My gaps were at .055ish. The gaps of the new densos were right on the .043

is that a big deal????? i have just under 30k miles

Also, I noticed the sticker on the drivers side of the engine saying that it needed long reach plugs. that was the side with the NGKs which are indeed a tiny bit longer (maybe one thread length). Maybe that's why they have two different brands? seems ridiculous that they'd use a different brand for another millimeter.

THANKS Dante's Taco for making this super easy for me.
 
#35 · (Edited)
Did this for the first time. Like most others, the NGKs on the driver's side were worn a bit more than the Densos on the passenger side. Mine needed it badly; at 30500 miles is was already misfiring over 4500 rpm. The NGK from driver's side rear was very eroded and really wide. My gapper doesn't go that big, it looks between .070 and .080, maybe more. The other two NGKs were about .055.
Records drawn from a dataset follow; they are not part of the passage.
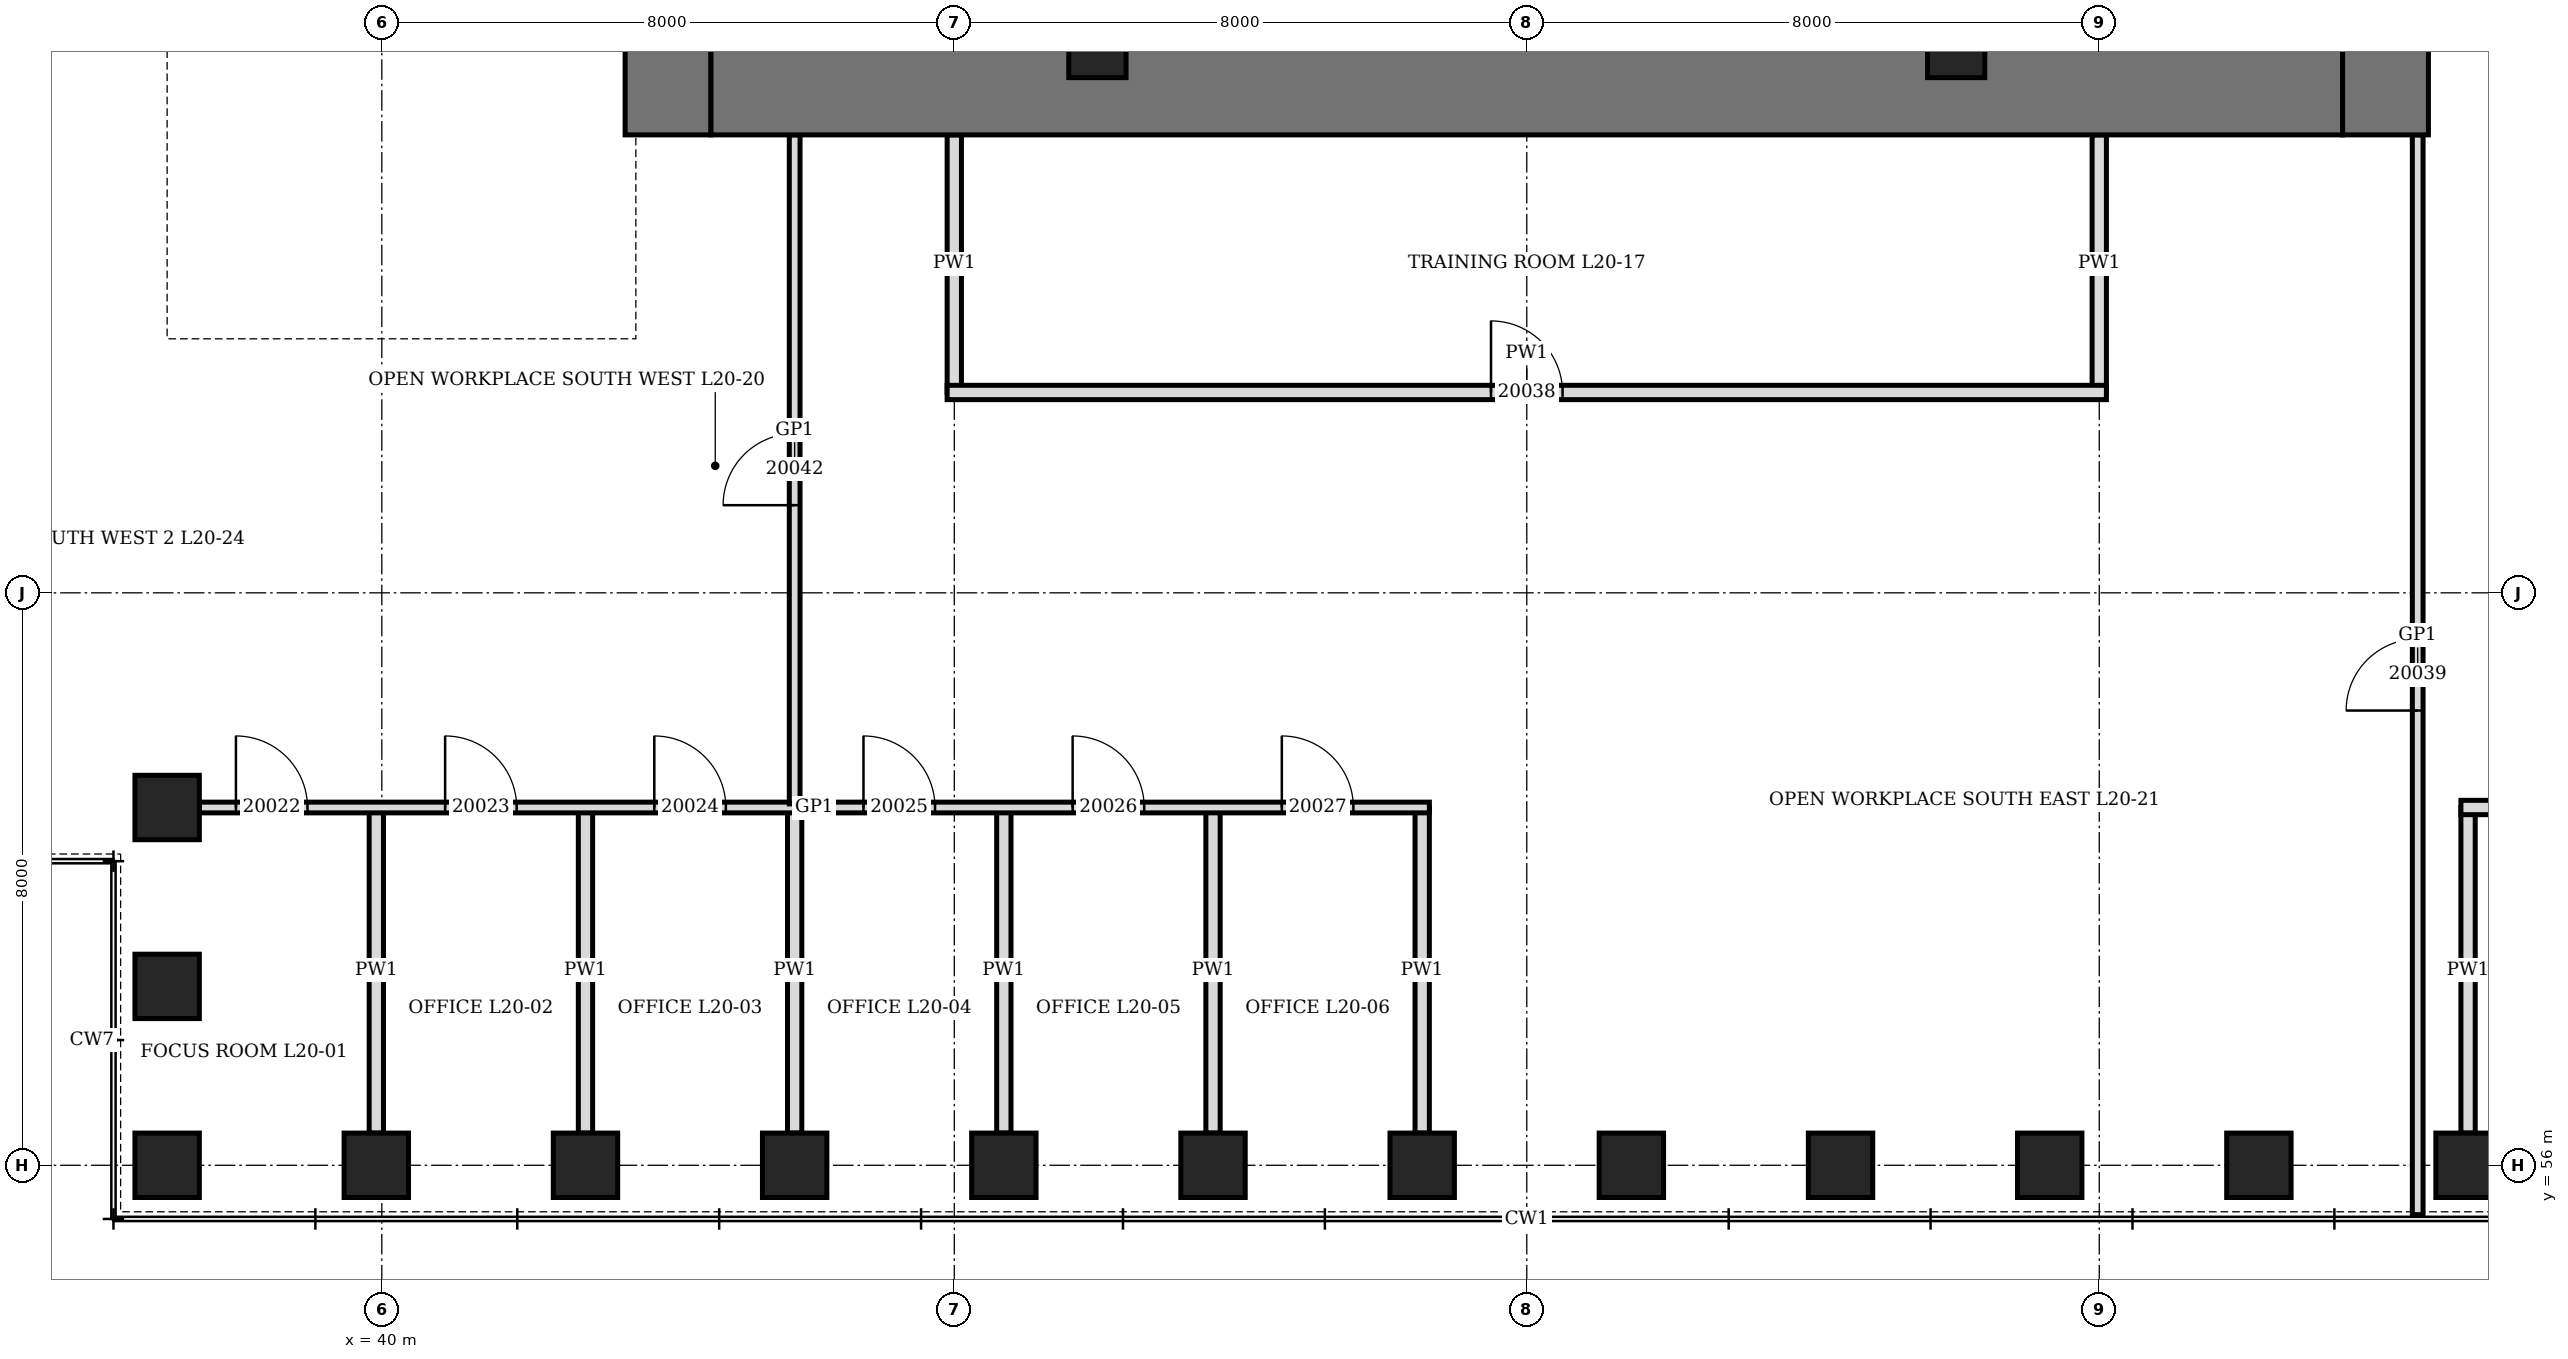
"""IFC4 building model, lengths in metres.
Left out: names, types, materials, properties, quantities, classifications, styles, units other than length and angle.
Written with IfcOpenShell. Run it as: python <this file> out.ifc"""

import sys

from ifc_helpers import new_model, si_unit, direction, frame, frame_2d, origin, origin_2d, place, context, subcontext, project, spatial, rectangle, hollow_rectangle, extrude, element, fill, save


model = new_model("IFC4")
c1 = context("Model", 3, precision=1e-05, world=origin(), true_north=direction((0.0, 1.0)))
c2 = subcontext(c1, "Body", "Model", "MODEL_VIEW")
j1 = project(units=[si_unit("LENGTHUNIT", "METRE"), si_unit("PLANEANGLEUNIT", "RADIAN")], contexts=[c1])
p1 = place(None, origin())
s1 = spatial("IfcSite", under=j1, at=p1, CompositionType="ELEMENT")
p2 = place(p1, origin())
s2 = spatial("IfcBuilding", under=s1, at=p2, CompositionType="ELEMENT")
p3 = place(p2, frame((0.0, 0.0, 93.7)))
s3 = spatial("IfcBuildingStorey", under=s2, at=p3, CompositionType="ELEMENT", Elevation=93.7)
for number, where, z_axis, x_axis in (
    (1, (37.0, 56.0, 0.0), (0.0, 0.0, 1.0), (1.0, 0.0, 0.0)),
    (2, (39.923, 56.0, 0.0), (0.0, 0.0, 1.0), (1.0, 0.0, 0.0)),
    (3, (42.846, 56.0, 0.0), (0.0, 0.0, 1.0), (1.0, 0.0, 0.0)),
    (4, (45.769, 56.0, 0.0), (0.0, 0.0, 1.0), (1.0, 0.0, 0.0)),
    (5, (48.692, 56.0, 0.0), (0.0, 0.0, 1.0), (1.0, 0.0, 0.0)),
    (6, (51.615, 56.0, 0.0), (0.0, 0.0, 1.0), (1.0, 0.0, 0.0)),
    (7, (54.539, 56.0, 0.0), (0.0, 0.0, 1.0), (1.0, 0.0, 0.0)),
    (8, (57.461, 56.0, 0.0), (0.0, 0.0, 1.0), (1.0, 0.0, 0.0)),
    (9, (60.385, 56.0, 0.0), (0.0, 0.0, 1.0), (1.0, 0.0, 0.0)),
    (10, (63.308, 56.0, 0.0), (0.0, 0.0, 1.0), (1.0, 0.0, 0.0)),
    (11, (66.231, 56.0, 0.0), (0.0, 0.0, 1.0), (1.0, 0.0, 0.0)),
    (12, (69.154, 56.0, 0.0), (0.0, 0.0, 1.0), (1.0, 0.0, 0.0)),
    (13, (37.0, 61.0, 0.0), (0.0, 0.0, 1.0), (0.0, 1.0, 0.0)),
    (14, (37.0, 58.5, 0.0), (0.0, 0.0, 1.0), (0.0, 1.0, 0.0)),
):
    element("IfcColumn", number, at=place(p3, frame(where, z_axis=z_axis, x_axis=x_axis)), inside=s3, PredefinedType="COLUMN", context=c2, shape_type="SweptSolid", body=[
        extrude(hollow_rectangle(XDim=0.9, YDim=0.9, WallThickness=0.12, at=origin_2d()), origin(), (0.0, 0.0, 1.0), 4.2),
    ])
p4 = place(p3, frame((44.0, 70.4, 0.0), z_axis=(0.0, 0.0, 1.0), x_axis=(0.0, 1.0, 0.0)))
e15 = element("IfcWall", 15, at=p4, inside=s3, PredefinedType="SHEAR", context=c2, shape_type="SweptSolid", body=[
    extrude(rectangle(XDim=19.2, YDim=1.2, at=frame_2d((9.6, 0.0))), origin(), (0.0, 0.0, 1.0), 4.2),
])
p5 = place(p4, frame((8.6, 0.0, 0.0)))
e16 = element("IfcOpeningElement", 16, at=p5, cuts=e15, PredefinedType="OPENING", context=c2, shape_type="SweptSolid", body=[
    extrude(rectangle(XDim=2.0, YDim=2.4, at=frame_2d((1.0, 1.2))), frame((0.0, 0.61, 0.0), z_axis=(0.0, -1.0, 0.0), x_axis=(1.0, 0.0, 0.0)), (0.0, 0.0, 1.0), 1.22),
])
p6 = place(p3, frame((68.0, 70.4, 0.0), z_axis=(0.0, 0.0, 1.0), x_axis=(0.0, 1.0, 0.0)))
e17 = element("IfcWall", 17, at=p6, inside=s3, PredefinedType="SHEAR", context=c2, shape_type="SweptSolid", body=[
    extrude(rectangle(XDim=19.2, YDim=1.2, at=frame_2d((9.6, 0.0))), origin(), (0.0, 0.0, 1.0), 4.2),
])
p7 = place(p6, frame((8.6, 0.0, 0.0)))
e18 = element("IfcOpeningElement", 18, at=p7, cuts=e17, PredefinedType="OPENING", context=c2, shape_type="SweptSolid", body=[
    extrude(rectangle(XDim=2.0, YDim=2.4, at=frame_2d((1.0, 1.2))), frame((0.0, 0.61, 0.0), z_axis=(0.0, -1.0, 0.0), x_axis=(1.0, 0.0, 0.0)), (0.0, 0.0, 1.0), 1.22),
])
p8 = place(p3, frame((44.6, 71.0, 0.0), z_axis=(0.0, 0.0, 1.0), x_axis=(1.0, 0.0, 0.0)))
e19 = element("IfcWall", 19, at=p8, inside=s3, PredefinedType="SHEAR", context=c2, shape_type="SweptSolid", body=[
    extrude(rectangle(XDim=22.8, YDim=1.2, at=frame_2d((11.4, 0.0))), origin(), (0.0, 0.0, 1.0), 4.2),
])
for number, where, z_axis, x_axis in (
    (20, (50.0, 71.6, 0.0), (0.0, 0.0, 1.0), (1.0, 0.0, 0.0)),
    (21, (62.0, 71.6, 0.0), (0.0, 0.0, 1.0), (1.0, 0.0, 0.0)),
):
    element("IfcColumn", number, at=place(p3, frame(where, z_axis=z_axis, x_axis=x_axis)), inside=s3, PredefinedType="COLUMN", context=c2, shape_type="SweptSolid", body=[
        extrude(hollow_rectangle(XDim=0.8, YDim=0.8, WallThickness=0.1, at=origin_2d()), origin(), (0.0, 0.0, 1.0), 4.2),
    ])
p9 = place(p3, frame((39.923, 56.45, 0.0), z_axis=(0.0, 0.0, 1.0), x_axis=(0.0, 1.0, 0.0)))
e22 = element("IfcWall", 22, at=p9, inside=s3, PredefinedType="PARTITIONING", context=c2, shape_type="SweptSolid", body=[
    extrude(rectangle(XDim=4.55, YDim=0.2, at=frame_2d((2.275, 0.0))), origin(), (0.0, 0.0, 1.0), 3.428),
])
for number, where, z_axis, x_axis in (
    (23, (42.846, 56.45, 0.0), (0.0, 0.0, 1.0), (0.0, 1.0, 0.0)),
    (24, (45.769, 56.45, 0.0), (0.0, 0.0, 1.0), (0.0, 1.0, 0.0)),
    (25, (48.692, 56.45, 0.0), (0.0, 0.0, 1.0), (0.0, 1.0, 0.0)),
    (26, (51.615, 56.45, 0.0), (0.0, 0.0, 1.0), (0.0, 1.0, 0.0)),
    (27, (54.539, 56.45, 0.0), (0.0, 0.0, 1.0), (0.0, 1.0, 0.0)),
    (28, (69.154, 56.45, 0.0), (0.0, 0.0, 1.0), (0.0, 1.0, 0.0)),
):
    element("IfcWall", number, at=place(p3, frame(where, z_axis=z_axis, x_axis=x_axis)), inside=s3, PredefinedType="PARTITIONING", context=c2, shape_type="SweptSolid", body=[
        extrude(rectangle(XDim=4.55, YDim=0.2, at=frame_2d((2.275, 0.0))), origin(), (0.0, 0.0, 1.0), 3.278),
    ])
for number, where, z_axis, x_axis in (
    (29, (48.0, 66.8, 0.0), (0.0, 0.0, 1.0), (0.0, 1.0, 0.0)),
    (30, (64.0, 66.8, 0.0), (0.0, 0.0, 1.0), (0.0, 1.0, 0.0)),
):
    element("IfcWall", number, at=place(p3, frame(where, z_axis=z_axis, x_axis=x_axis)), inside=s3, PredefinedType="PARTITIONING", context=c2, shape_type="SweptSolid", body=[
        extrude(rectangle(XDim=3.6, YDim=0.2, at=frame_2d((1.8, 0.0))), origin(), (0.0, 0.0, 1.0), 4.04),
    ])
p10 = place(p3, frame((37.45, 61.0, 0.0), z_axis=(0.0, 0.0, 1.0), x_axis=(1.0, 0.0, 0.0)))
e31 = element("IfcWall", 31, at=p10, inside=s3, PredefinedType="PARTITIONING", context=c2, shape_type="SweptSolid", body=[
    extrude(rectangle(XDim=17.188, YDim=0.15, at=frame_2d((8.594, 0.0))), origin(), (0.0, 0.0, 1.0), 4.04),
])
p11 = place(p10, frame((0.511, 0.0, 0.0)))
e32 = element("IfcOpeningElement", 32, at=p11, cuts=e31, PredefinedType="OPENING", context=c2, shape_type="SweptSolid", body=[
    extrude(rectangle(XDim=1.0, YDim=2.4, at=frame_2d((0.5, 1.2))), frame((0.0, 0.085, 0.0), z_axis=(0.0, -1.0, 0.0), x_axis=(1.0, 0.0, 0.0)), (0.0, 0.0, 1.0), 0.17),
])
p12 = place(p10, frame((3.435, 0.0, 0.0)))
e33 = element("IfcOpeningElement", 33, at=p12, cuts=e31, PredefinedType="OPENING", context=c2, shape_type="SweptSolid", body=[
    extrude(rectangle(XDim=1.0, YDim=2.1, at=frame_2d((0.5, 1.05))), frame((0.0, 0.085, 0.0), z_axis=(0.0, -1.0, 0.0), x_axis=(1.0, 0.0, 0.0)), (0.0, 0.0, 1.0), 0.17),
])
p13 = place(p10, frame((6.358, 0.0, 0.0)))
e34 = element("IfcOpeningElement", 34, at=p13, cuts=e31, PredefinedType="OPENING", context=c2, shape_type="SweptSolid", body=[
    extrude(rectangle(XDim=1.0, YDim=2.1, at=frame_2d((0.5, 1.05))), frame((0.0, 0.085, 0.0), z_axis=(0.0, -1.0, 0.0), x_axis=(1.0, 0.0, 0.0)), (0.0, 0.0, 1.0), 0.17),
])
p14 = place(p10, frame((9.281, 0.0, 0.0)))
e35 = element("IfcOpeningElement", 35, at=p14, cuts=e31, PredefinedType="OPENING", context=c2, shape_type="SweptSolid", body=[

On a manual transmission model, the clutch hardline is bolted to - and loops around - that big bracket that's removed on the driver's side. It is a royal PAIN to get that off the clutch line, but some careful twisting and it'll slide out. Because of this clutch line, you'll need at least two 6" extensions (and another 3" helps) to torque down the plugs. Otherwise you get to tighten about 1/8th turn at a time if you're lucky.

Other hint, don't drop any sockets. I dropped a 10mm down the driver's side and believe me the FIRST place it will go is into that big 2" hole in the cross member that goes under the diff, or into one of the smaller ones beyond. Thankfully it's open enough to fish it out.

I did the same thing I did to my Hondas that had a spec of 1.0-1.1mm gap. All new plugs gapped at 1.0mm (.040") per Toyota FSM. Truck likes it so far. That way when it starts to erode them away they have the entire service spec to go through.